Tuesday, August 17, 2010

Splinters

Every year I begin a crusade. I believe children should be shod when they go outside. Shoeless Joe Jackson and his fellow barefoot comrades view the coming of crocuses and planting of gardens as a sign to lose any footwear they may have consented to wear during the winter months. As a result, I have been known to begin loading the car an hour prior to an appointment only to be sabotaged by a single shoe.

If the people who determined when to show clemency about being late for appointments, witnessed my struggle to get all of them into the car, only to spend a frantic 30 minutes tearing apart couches and beds to locate a single pair of not necessarily matching but left and right shoes, only to then bargain with the shoe gods and being willing to accept even just two shoes the same size that are for the same foot, they’d just give me a standing appointment…when you show, it’s your time.

I have also in sheer desperation, given my eldest daughter a twenty and told her to go into the Walmart and come back out with one size fits all slippers for whoever it is that is missing footwear.

So you’ld think I’d be gung ho about being barefoot but having had small children for the past 16 years, I’ve also taken out my fair share of splinters. The most memorable one I helped remove from my three year old son during the course of a family party. He’d been playing on the wooden deck on our house and got a huge one in his left foot. He was in tears. We were hosting the party but spent the bulk of the next hour soaking, working with tweezers, but nothing was working and he was in hysterics.
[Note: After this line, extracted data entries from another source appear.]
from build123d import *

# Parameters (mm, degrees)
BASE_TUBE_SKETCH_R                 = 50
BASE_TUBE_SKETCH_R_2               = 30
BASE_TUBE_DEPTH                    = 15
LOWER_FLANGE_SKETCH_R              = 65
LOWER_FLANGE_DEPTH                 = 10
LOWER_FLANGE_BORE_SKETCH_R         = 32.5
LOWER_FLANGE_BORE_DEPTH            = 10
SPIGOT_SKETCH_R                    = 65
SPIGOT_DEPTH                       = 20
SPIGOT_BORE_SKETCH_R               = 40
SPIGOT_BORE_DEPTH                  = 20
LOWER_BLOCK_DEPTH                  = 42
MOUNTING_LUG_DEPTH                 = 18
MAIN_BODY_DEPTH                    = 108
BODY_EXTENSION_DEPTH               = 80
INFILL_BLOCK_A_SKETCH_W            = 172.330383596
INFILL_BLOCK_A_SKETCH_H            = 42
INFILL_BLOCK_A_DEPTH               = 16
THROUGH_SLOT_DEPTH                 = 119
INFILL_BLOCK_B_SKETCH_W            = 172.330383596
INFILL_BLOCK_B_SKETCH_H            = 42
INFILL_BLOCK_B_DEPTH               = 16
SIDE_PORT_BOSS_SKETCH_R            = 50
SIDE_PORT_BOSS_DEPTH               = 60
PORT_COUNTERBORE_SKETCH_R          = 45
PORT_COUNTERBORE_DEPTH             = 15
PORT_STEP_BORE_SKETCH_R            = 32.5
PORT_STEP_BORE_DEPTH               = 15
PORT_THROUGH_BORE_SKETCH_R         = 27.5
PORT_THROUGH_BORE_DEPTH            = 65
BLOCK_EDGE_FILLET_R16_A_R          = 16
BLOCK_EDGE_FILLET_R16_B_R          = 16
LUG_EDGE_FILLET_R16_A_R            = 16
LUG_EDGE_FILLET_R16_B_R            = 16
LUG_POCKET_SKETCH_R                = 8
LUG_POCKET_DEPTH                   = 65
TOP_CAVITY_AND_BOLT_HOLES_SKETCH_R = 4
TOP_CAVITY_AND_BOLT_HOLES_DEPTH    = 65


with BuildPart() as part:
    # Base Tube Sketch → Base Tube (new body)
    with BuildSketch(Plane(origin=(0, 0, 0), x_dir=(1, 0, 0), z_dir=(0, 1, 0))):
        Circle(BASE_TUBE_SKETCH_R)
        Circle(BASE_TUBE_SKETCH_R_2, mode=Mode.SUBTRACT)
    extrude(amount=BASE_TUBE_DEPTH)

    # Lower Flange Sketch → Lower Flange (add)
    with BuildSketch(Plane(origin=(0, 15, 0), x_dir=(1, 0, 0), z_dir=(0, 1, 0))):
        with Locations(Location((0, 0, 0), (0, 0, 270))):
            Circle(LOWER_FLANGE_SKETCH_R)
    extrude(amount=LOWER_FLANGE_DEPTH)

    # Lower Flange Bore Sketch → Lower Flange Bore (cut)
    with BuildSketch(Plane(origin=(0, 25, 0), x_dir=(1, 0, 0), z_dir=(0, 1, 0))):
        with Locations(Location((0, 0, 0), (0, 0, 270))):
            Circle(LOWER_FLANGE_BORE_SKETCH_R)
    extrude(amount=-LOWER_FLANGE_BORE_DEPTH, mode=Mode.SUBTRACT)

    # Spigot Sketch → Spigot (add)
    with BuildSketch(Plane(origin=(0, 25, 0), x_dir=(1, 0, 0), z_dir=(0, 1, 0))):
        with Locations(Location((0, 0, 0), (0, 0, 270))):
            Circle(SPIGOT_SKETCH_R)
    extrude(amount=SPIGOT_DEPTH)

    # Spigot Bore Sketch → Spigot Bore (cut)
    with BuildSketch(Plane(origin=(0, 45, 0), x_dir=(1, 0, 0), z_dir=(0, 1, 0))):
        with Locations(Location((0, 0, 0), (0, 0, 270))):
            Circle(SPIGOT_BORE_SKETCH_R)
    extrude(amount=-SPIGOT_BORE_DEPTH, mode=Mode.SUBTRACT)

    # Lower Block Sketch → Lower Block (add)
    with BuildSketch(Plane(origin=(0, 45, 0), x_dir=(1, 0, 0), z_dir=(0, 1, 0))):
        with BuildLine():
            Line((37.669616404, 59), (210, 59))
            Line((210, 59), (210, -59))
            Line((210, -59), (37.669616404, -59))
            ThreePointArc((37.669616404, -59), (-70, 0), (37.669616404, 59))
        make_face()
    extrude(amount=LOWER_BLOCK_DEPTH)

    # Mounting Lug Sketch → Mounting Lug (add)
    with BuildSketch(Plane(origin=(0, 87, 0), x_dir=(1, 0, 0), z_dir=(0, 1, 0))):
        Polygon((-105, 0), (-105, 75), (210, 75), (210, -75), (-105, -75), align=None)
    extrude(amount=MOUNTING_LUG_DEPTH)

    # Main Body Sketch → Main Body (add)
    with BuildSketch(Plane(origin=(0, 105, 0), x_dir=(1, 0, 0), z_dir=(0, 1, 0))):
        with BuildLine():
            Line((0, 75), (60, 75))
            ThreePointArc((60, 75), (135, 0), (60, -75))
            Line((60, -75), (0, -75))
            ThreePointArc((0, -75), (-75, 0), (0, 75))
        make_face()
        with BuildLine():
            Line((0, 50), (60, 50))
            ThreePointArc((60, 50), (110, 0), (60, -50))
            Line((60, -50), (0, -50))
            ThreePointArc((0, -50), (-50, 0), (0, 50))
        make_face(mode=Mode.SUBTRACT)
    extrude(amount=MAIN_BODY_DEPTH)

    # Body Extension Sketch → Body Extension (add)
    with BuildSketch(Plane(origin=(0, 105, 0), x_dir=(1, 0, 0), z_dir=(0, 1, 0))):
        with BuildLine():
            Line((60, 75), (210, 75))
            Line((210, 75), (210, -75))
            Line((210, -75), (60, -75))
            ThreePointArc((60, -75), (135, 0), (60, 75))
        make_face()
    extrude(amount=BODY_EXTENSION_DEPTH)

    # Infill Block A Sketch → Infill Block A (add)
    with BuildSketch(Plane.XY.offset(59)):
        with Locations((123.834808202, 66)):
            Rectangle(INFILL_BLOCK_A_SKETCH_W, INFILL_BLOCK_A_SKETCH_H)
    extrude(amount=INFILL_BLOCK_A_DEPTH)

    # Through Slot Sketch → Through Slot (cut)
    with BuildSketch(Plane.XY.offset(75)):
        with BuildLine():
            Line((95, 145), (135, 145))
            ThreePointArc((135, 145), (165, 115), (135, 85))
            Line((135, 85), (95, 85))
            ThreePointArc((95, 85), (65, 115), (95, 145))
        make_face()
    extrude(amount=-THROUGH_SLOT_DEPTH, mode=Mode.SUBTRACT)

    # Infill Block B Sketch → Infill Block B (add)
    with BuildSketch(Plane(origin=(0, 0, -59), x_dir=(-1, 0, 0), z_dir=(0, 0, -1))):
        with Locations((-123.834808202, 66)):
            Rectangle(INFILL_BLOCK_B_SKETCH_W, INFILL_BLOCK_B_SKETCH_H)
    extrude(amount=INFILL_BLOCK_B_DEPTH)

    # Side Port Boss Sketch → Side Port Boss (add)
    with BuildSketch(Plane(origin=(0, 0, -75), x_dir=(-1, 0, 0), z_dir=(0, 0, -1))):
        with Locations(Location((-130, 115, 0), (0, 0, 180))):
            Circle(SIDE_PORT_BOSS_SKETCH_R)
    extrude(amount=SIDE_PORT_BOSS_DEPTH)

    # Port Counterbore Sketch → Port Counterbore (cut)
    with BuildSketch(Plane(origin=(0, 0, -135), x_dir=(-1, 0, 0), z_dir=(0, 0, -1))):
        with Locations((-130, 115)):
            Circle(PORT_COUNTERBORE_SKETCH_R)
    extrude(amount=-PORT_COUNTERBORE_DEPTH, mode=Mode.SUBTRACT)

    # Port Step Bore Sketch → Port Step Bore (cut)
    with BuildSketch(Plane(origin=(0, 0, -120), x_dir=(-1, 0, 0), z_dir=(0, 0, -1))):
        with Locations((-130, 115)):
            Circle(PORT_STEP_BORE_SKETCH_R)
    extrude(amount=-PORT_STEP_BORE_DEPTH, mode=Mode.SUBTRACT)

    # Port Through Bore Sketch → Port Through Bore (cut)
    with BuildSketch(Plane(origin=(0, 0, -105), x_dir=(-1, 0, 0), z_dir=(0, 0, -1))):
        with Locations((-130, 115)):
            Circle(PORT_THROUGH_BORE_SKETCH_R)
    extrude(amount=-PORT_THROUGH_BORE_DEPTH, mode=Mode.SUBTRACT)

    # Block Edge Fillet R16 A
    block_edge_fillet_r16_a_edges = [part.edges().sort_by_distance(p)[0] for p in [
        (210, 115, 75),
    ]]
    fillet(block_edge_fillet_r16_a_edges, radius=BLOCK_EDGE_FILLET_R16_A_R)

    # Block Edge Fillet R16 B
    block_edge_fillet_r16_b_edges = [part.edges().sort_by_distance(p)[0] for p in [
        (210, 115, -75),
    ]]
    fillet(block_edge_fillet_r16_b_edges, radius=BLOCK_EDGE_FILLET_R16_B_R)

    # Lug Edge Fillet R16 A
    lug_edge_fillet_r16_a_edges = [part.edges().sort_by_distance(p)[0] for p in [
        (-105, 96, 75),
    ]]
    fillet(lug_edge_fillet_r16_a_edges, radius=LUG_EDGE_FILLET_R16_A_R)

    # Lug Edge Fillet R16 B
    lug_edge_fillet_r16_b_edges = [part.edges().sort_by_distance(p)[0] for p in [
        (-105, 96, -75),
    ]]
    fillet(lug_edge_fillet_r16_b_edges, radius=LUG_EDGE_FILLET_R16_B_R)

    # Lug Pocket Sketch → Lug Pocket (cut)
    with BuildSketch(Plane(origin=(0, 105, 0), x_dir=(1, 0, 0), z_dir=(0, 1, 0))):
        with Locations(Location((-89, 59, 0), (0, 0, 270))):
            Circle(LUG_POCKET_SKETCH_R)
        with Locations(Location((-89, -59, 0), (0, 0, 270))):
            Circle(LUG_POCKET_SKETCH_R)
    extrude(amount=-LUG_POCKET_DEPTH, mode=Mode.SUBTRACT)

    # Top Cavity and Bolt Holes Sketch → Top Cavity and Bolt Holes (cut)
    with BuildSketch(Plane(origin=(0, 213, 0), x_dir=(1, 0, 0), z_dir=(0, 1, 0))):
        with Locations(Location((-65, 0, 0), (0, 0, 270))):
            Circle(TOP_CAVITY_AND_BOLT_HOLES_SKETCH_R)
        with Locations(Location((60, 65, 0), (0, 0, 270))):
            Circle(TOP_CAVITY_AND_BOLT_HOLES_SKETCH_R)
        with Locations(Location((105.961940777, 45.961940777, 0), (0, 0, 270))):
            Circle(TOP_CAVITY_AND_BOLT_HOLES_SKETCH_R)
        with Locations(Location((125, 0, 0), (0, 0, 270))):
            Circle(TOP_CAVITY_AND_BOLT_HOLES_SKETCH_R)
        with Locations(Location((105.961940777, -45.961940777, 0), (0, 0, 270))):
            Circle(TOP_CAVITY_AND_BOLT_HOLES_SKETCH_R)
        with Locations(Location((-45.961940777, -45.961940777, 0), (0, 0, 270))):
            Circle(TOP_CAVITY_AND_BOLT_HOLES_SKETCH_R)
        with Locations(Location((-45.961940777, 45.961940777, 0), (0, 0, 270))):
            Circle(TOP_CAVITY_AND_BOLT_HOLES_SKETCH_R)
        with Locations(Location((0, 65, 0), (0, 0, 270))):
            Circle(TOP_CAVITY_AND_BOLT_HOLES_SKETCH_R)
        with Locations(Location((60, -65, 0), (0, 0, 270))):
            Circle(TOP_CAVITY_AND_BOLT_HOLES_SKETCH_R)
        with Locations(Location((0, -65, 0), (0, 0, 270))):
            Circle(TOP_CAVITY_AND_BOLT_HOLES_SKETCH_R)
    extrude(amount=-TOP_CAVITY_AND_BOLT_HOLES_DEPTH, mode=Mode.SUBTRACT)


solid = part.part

My brother tried to calm him down by explaining the situation. My son was having none of it.

“If you don’t let us remove the splinter, it will continue to hurt.”
“IT HURTS NOW!”

“If you don’t let us remove the splinter, it could even become infected.”
“I DON’T CARE!”

“If you don’t let us remove it, the infection could be serious.”
“SO?”

“So your parents who love you want to remove the splinter so you won’t get sick or be in pain or die.”
“I DON’T… WANT… TO LIVE!” he gasped, holding and hiding his foot from my tweezers.

I voted for more soaking at this point.

Over the years, I’ve learned tricks like having the kids close their eyes while I remove the foreign objects from their toes and that handing them an ice cream while watching television is also a good anesthesia. I’ve also given up explaining why splinters need to come out entirely.

But I’ve also come up with a solution for splinters and summer and shoes. You don’t have to wear shoes if you can’t find them, but then you must wear socks.

Thick socks.
Thick Soccer up past your knees socks.

They don’t have to match.

One morning of enduring those heat insulators on one’s feet and we’ll have no problems from June until September with locating footwear.

Now, if only I could devise a similar solution for winter.

3 comments:

MightyMom said...

thickk soccer socks!!

I love it!

going into my mommy tricks bank!

MightyMom said...

aha! I haven't lost my mind! I HAVE seen this before! I even COMMENTED on it!

what's facebook up to anyway? geez.

ABNPOPPA said...

An excellent idea on the thick socks for those who don't want to wear shoes. I see MM follows you. That is where the connection to me came from. MM and I have been blogging buddies for ....4/5 years of so. Good person and hell of a mom.